Overview
This model, y-ohtani/qwen3-4b-agent-sft-true, is a full fine-tuned version of the Qwen3-4B-Instruct-2507 base model, developed by y-ohtani. Unlike LoRA adapters, this model has undergone comprehensive training to adapt its entire parameter set. It leverages the Open-AgentRL framework for its fine-tuning process, specifically designed for agentic capabilities.
Key Capabilities
- Agentic SFT: Trained with multi-turn agentic Supervised Fine-Tuning (SFT) using real End-to-End agentic trajectories.
- Extended Context: Supports a maximum sequence length of 32,768 tokens, enabling processing of lengthy and complex conversations.
- Specialized Dataset: Fine-tuned on the Gen-Verse/Open-AgentRL-SFT-3K dataset, comprising 3,000 multi-turn conversations tailored for agent behavior.

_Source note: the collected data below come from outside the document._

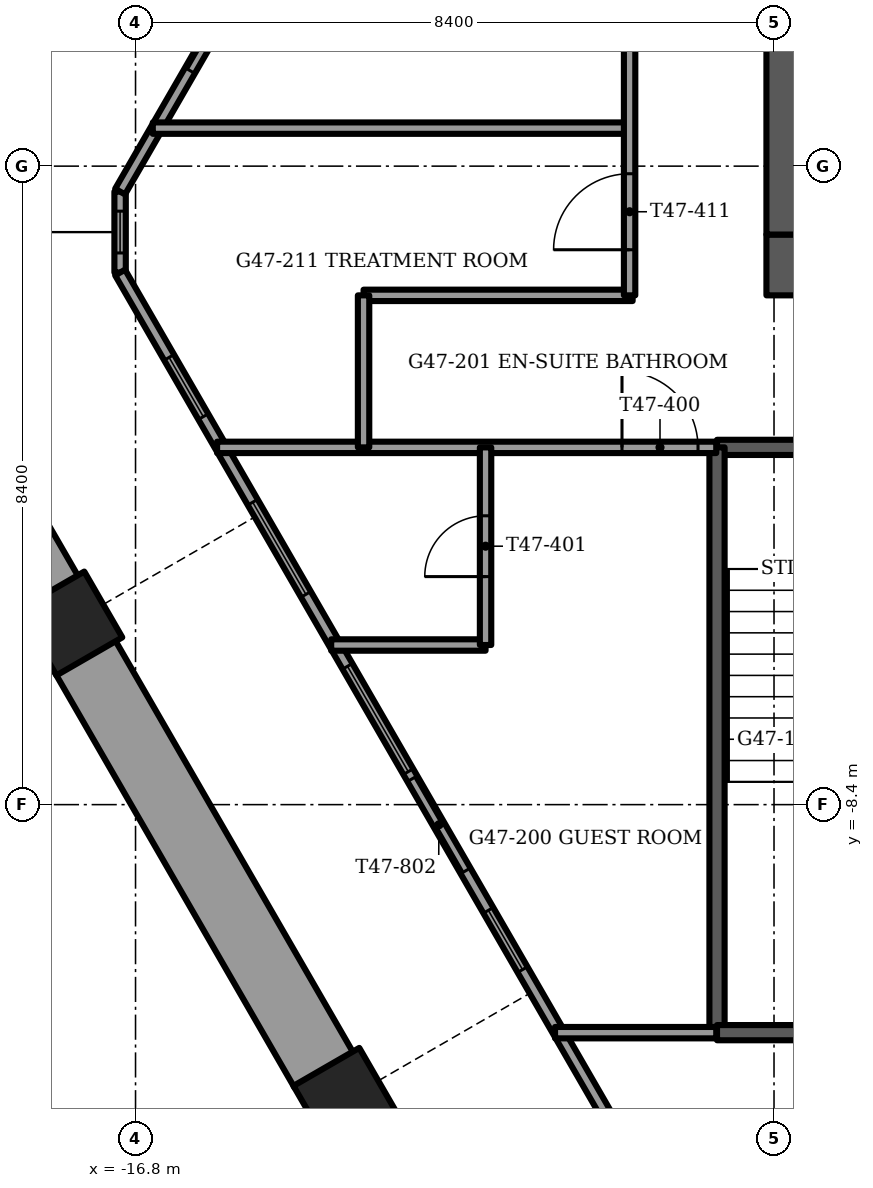
"""IFC4 building model, lengths in metres.
Left out: names, types, materials, properties, quantities, classifications, styles, units other than length and angle.
Written with IfcOpenShell. Run it as: python <this file> out.ifc"""

import sys

from ifc_helpers import new_model, si_unit, direction, frame, frame_2d, origin, origin_2d, place, context, subcontext, project, spatial, rectangle, extrude, element, fill, save


model = new_model("IFC4")
c1 = context("Model", 3, precision=1e-05, world=origin(), true_north=direction((0.0, 1.0)))
c2 = subcontext(c1, "Body", "Model", "MODEL_VIEW")
j1 = project(units=[si_unit("LENGTHUNIT", "METRE"), si_unit("PLANEANGLEUNIT", "RADIAN")], contexts=[c1])
p1 = place(None, origin())
s1 = spatial("IfcSite", under=j1, at=p1, CompositionType="ELEMENT")
p2 = place(p1, origin())
s2 = spatial("IfcBuilding", under=s1, at=p2, CompositionType="ELEMENT")
p3 = place(p2, frame((0.0, 0.0, 190.75)))
s3 = spatial("IfcBuildingStorey", under=s2, at=p3, CompositionType="ELEMENT", Elevation=190.75)
for number, where, z_axis, x_axis in (
    (1, (-17.657, -6.017, -1.2), (0.0, 0.0, 1.0), (-0.5, 0.866, 0.0)),
    (2, (-14.039, -12.283, -1.2), (0.0, 0.0, 1.0), (-0.5, 0.866, 0.0)),
):
    element("IfcColumn", number, at=place(p3, frame(where, z_axis=z_axis, x_axis=x_axis)), inside=s3, PredefinedType="COLUMN", context=c2, shape_type="SweptSolid", body=[
        extrude(rectangle(XDim=1.0, YDim=1.0, at=origin_2d()), origin(), (0.0, 0.0, 1.0), 3.75),
    ])
p4 = place(p3, frame((-8.5, -1.3, -0.3), z_axis=(0.0, 0.0, 1.0), x_axis=(1.0, 0.0, 0.0)))
e3 = element("IfcWall", 3, at=p4, inside=s3, PredefinedType="SHEAR", context=c2, shape_type="SweptSolid", body=[
    extrude(rectangle(XDim=17.0, YDim=0.8, at=frame_2d((8.5, 0.0))), origin(), (0.0, 0.0, 1.0), 3.75),
])
p5 = place(p4, frame((7.7, 0.0, 0.0)))
e4 = element("IfcOpeningElement", 4, at=p5, cuts=e3, PredefinedType="OPENING", context=c2, shape_type="SweptSolid", body=[
    extrude(rectangle(XDim=1.6, YDim=2.1, at=frame_2d((0.8, 1.05))), frame((0.0, 0.4, 0.0), z_axis=(0.0, -1.0, 0.0), x_axis=(1.0, 0.0, 0.0)), (0.0, 0.0, 1.0), 0.8),
])
p6 = place(p3, frame((-8.1, -0.9, -0.3), z_axis=(0.0, 0.0, 1.0), x_axis=(0.0, 1.0, 0.0)))
e5 = element("IfcWall", 5, at=p6, inside=s3, PredefinedType="SHEAR", context=c2, shape_type="SweptSolid", body=[
    extrude(rectangle(XDim=9.8, YDim=0.8, at=frame_2d((4.9, 0.0))), origin(), (0.0, 0.0, 1.0), 3.75),
])
p7 = place(p6, frame((8.15, 0.0, 0.0)))
e6 = element("IfcOpeningElement", 6, at=p7, cuts=e5, PredefinedType="OPENING", context=c2, shape_type="SweptSolid", body=[
    extrude(rectangle(XDim=1.1, YDim=2.1, at=frame_2d((0.55, 1.05))), frame((0.0, 0.4, 0.0), z_axis=(0.0, -1.0, 0.0), x_axis=(1.0, 0.0, 0.0)), (0.0, 0.0, 1.0), 0.8),
])
p8 = place(p3, frame((-17.185, 5.201, 0.0), z_axis=(0.0, 0.0, 1.0), x_axis=(-0.499977443261, -0.866038426532, 0.0)))
e7 = element("IfcWall", 7, at=p8, inside=s3, PredefinedType="PARAPET", context=c2, shape_type="SweptSolid", body=[
    extrude(rectangle(XDim=6.465, YDim=0.9, at=frame_2d((3.232, 0.0))), origin(), (0.0, 0.0, 1.0), 1.1),
])
p9 = place(p3, frame((-20.417, -1.337, 0.0), z_axis=(0.0, 0.0, 1.0), x_axis=(0.500017732557, -0.866015165646, 0.0)))
e8 = element("IfcWall", 8, at=p9, inside=s3, PredefinedType="PARAPET", context=c2, shape_type="SweptSolid", body=[
    extrude(rectangle(XDim=4.962, YDim=0.9, at=frame_2d((2.481, 0.0))), origin(), (0.0, 0.0, 1.0), 1.1),
])
p10 = place(p3, frame((-17.466, -6.449, 0.0), z_axis=(0.0, 0.0, 1.0), x_axis=(0.500013351051, -0.866017695414, 0.0)))
e9 = element("IfcWall", 9, at=p10, inside=s3, PredefinedType="PARAPET", context=c2, shape_type="SweptSolid", body=[
    extrude(rectangle(XDim=6.296, YDim=0.9, at=frame_2d((3.148, 0.0))), origin(), (0.0, 0.0, 1.0), 1.1),
])
p11 = place(p3, frame((-6.826, 17.292, 0.0), z_axis=(0.0, 0.0, 1.0), x_axis=(-0.50000659594, -0.866021595583, 0.0)))
e10 = element("IfcWall", 10, at=p11, inside=s3, PredefinedType="SOLIDWALL", context=c2, shape_type="SweptSolid", body=[
    extrude(rectangle(XDim=20.354, YDim=0.15, at=frame_2d((10.177, 0.0))), origin(), (0.0, 0.0, 1.0), 3.45),
])
p12 = place(p11, frame((5.12, 0.0, 0.15)))
e11 = element("IfcOpeningElement", 11, at=p12, cuts=e10, PredefinedType="OPENING", context=c2, shape_type="SweptSolid", body=[
    extrude(rectangle(XDim=1.4, YDim=2.85, at=frame_2d((0.7, 1.425))), frame((0.0, 0.075, 0.0), z_axis=(0.0, -1.0, 0.0), x_axis=(1.0, 0.0, 0.0)), (0.0, 0.0, 1.0), 0.15),
])
p13 = place(p11, frame((7.663, 0.0, 0.15)))
e12 = element("IfcOpeningElement", 12, at=p13, cuts=e10, PredefinedType="OPENING", context=c2, shape_type="SweptSolid", body=[
    extrude(rectangle(XDim=1.6, YDim=2.85, at=frame_2d((0.8, 1.425))), frame((0.0, 0.075, 0.0), z_axis=(0.0, -1.0, 0.0), x_axis=(1.0, 0.0, 0.0)), (0.0, 0.0, 1.0), 0.15),
])
p14 = place(p11, frame((9.863, 0.0, 0.15)))
e13 = element("IfcOpeningElement", 13, at=p14, cuts=e10, PredefinedType="OPENING", context=c2, shape_type="SweptSolid", body=[
    extrude(rectangle(XDim=1.4, YDim=2.85, at=frame_2d((0.7, 1.425))), frame((0.0, 0.075, 0.0), z_axis=(0.0, -1.0, 0.0), x_axis=(1.0, 0.0, 0.0)), (0.0, 0.0, 1.0), 0.15),
])
p15 = place(p11, frame((12.492, 0.0, 0.15)))
e14 = element("IfcOpeningElement", 14, at=p15, cuts=e10, PredefinedType="OPENING", context=c2, shape_type="SweptSolid", body=[
    extrude(rectangle(XDim=0.9, YDim=2.85, at=frame_2d((0.45, 1.425))), frame((0.0, 0.075, 0.0), z_axis=(0.0, -1.0, 0.0), x_axis=(1.0, 0.0, 0.0)), (0.0, 0.0, 1.0), 0.15),
])
p16 = place(p11, frame((14.063, 0.0, 0.0)))
e15 = element("IfcOpeningElement", 15, at=p16, cuts=e10, PredefinedType="OPENING", context=c2, shape_type="SweptSolid", body=[
    extrude(rectangle(XDim=1.4, YDim=2.4, at=frame_2d((0.7, 1.2))), frame((0.0, 0.075, 0.0), z_axis=(0.0, -1.0, 0.0), x_axis=(1.0, 0.0, 0.0)), (0.0, 0.0, 1.0), 0.15),
])
p17 = place(p11, frame((16.063, 0.0, 0.15)))
e16 = element("IfcOpeningElement", 16, at=p17, cuts=e10, PredefinedType="OPENING", context=c2, shape_type="SweptSolid", body=[
    extrude(rectangle(XDim=0.9, YDim=2.85, at=frame_2d((0.45, 1.425))), frame((0.0, 0.075, 0.0), z_axis=(0.0, -1.0, 0.0), x_axis=(1.0, 0.0, 0.0)), (0.0, 0.0, 1.0), 0.15),
])
p18 = place(p11, frame((17.116, 0.0, 0.0)))
e17 = element("IfcOpeningElement", 17, at=p18, cuts=e10, PredefinedType="OPENING", context=c2, shape_type="SweptSolid", body=[
    extrude(rectangle(XDim=1.4, YDim=2.4, at=frame_2d((0.7, 1.2))), frame((0.0, 0.075, 0.0), z_axis=(0.0, -1.0, 0.0), x_axis=(1.0, 0.0, 0.0)), (0.0, 0.0, 1.0), 0.15),
])
p19 = place(p11, frame((0.735, 0.0, 0.15)))
e18 = element("IfcOpeningElement", 18, at=p19, cuts=e10, PredefinedType="OPENING", context=c2, shape_type="SweptSolid", body=[
    extrude(rectangle(XDim=1.6, YDim=2.73, at=frame_2d((0.8, 1.365))), frame((0.0, 0.075, 0.0), z_axis=(0.0, -1.0, 0.0), x_axis=(1.0, 0.0, 0.0)), (0.0, 0.0, 1.0), 0.15),
])
p20 = place(p3, frame((-17.003, -1.4, 0.0), z_axis=(0.0, 0.0, 1.0), x_axis=(0.500006098247, -0.866021882931, 0.0)))
e19 = element("IfcWall", 19, at=p20, inside=s3, PredefinedType="SOLIDWALL", context=c2, shape_type="SweptSolid", body=[
    extrude(rectangle(XDim=14.578, YDim=0.15, at=frame_2d((7.289, 0.0))), origin(), (0.0, 0.0, 1.0), 3.45),
])
p21 = place(p20, frame((1.289, 0.0, 0.15)))
e20 = element("IfcOpeningElement", 20, at=p21, cuts=e19, PredefinedType="OPENING", context=c2, shape_type="SweptSolid", body=[
    extrude(rectangle(XDim=0.9, YDim=2.85, at=frame_2d((0.45, 1.425))), frame((0.0, 0.075, 0.0), z_axis=(0.0, -1.0, 0.0), x_axis=(1.0, 0.0, 0.0)), (0.0, 0.0, 1.0), 0.15),
])
p22 = place(p20, frame((3.489, 0.0, 0.15)))
e21 = element("IfcOpeningElement", 21, at=p22, cuts=e19, PredefinedType="OPENING", context=c2, shape_type="SweptSolid", body=[
    extrude(rectangle(XDim=1.4, YDim=2.85, at=frame_2d((0.7, 1.425))), frame((0.0, 0.075, 0.0), z_axis=(0.0, -1.0, 0.0), x_axis=(1.0, 0.0, 0.0)), (0.0, 0.0, 1.0), 0.15),
])
p23 = place(p20, frame((5.982, 0.0, 0.15)))
e22 = element("IfcOpeningElement", 22, at=p23, cuts=e19, PredefinedType="OPENING", context=c2, shape_type="SweptSolid", body=[
    extrude(rectangle(XDim=1.6, YDim=2.85, at=frame_2d((0.8, 1.425))), frame((0.0, 0.075, 0.0), z_axis=(0.0, -1.0, 0.0), x_axis=(1.0, 0.0, 0.0)), (0.0, 0.0, 1.0), 0.15),
])
p24 = place(p20, frame((7.689, 0.0, 0.0)))
e23 = element("IfcOpeningElement", 23, at=p24, cuts=e19, PredefinedType="OPENING", context=c2, shape_type="SweptSolid", body=[
    extrude(rectangle(XDim=1.4, YDim=2.4, at=frame_2d((0.7, 1.2))), frame((0.0, 0.075, 0.0), z_axis=(0.0, -1.0, 0.0), x_axis=(1.0, 0.0, 0.0)), (0.0, 0.0, 1.0), 0.15),
])
p25 = place(p20, frame((9.689, 0.0, 0.15)))
e24 = element("IfcOpeningElement", 24, at=p25, cuts=e19, PredefinedType="OPENING", context=c2, shape_type="SweptSolid", body=[
    extrude(rectangle(XDim=0.9, YDim=2.85, at=frame_2d((0.45, 1.425))), frame((0.0, 0.075, 0.0), z_axis=(0.0, -1.0, 0.0), x_axis=(1.0, 0.0, 0.0)), (0.0, 0.0, 1.0), 0.15),
])
p26 = place(p3, frame((-17.003, -0.335, 0.0), z_axis=(0.0, 0.0, 1.0), x_axis=(0.0, -1.0, 0.0)))
e25 = element("IfcWall", 25, at=p26, inside=s3, PredefinedType="SOLIDWALL", context=c2, shape_type="SweptSolid", body=[
    extrude(rectangle(XDim=1.065, YDim=0.15, at=frame_2d((0.533, 0.0))), origin(), (0.0, 0.0, 1.0), 3.45),
])
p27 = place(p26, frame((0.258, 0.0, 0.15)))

- Full Fine-tuning: Utilizes FSDP with bfloat16 for robust and efficient full model fine-tuning.
Ideal Use Cases
This model is particularly well-suited for applications requiring:
- Complex Multi-turn Dialogues: Excels in scenarios where an AI agent needs to maintain context and perform multi-step reasoning over several turns.
- Agent-based Systems: Designed for integration into systems that require an AI to act as an agent, performing tasks or solving problems through interactive conversation.
- Instruction Following: Enhanced ability to follow intricate instructions and generate coherent, contextually relevant responses in agentic workflows.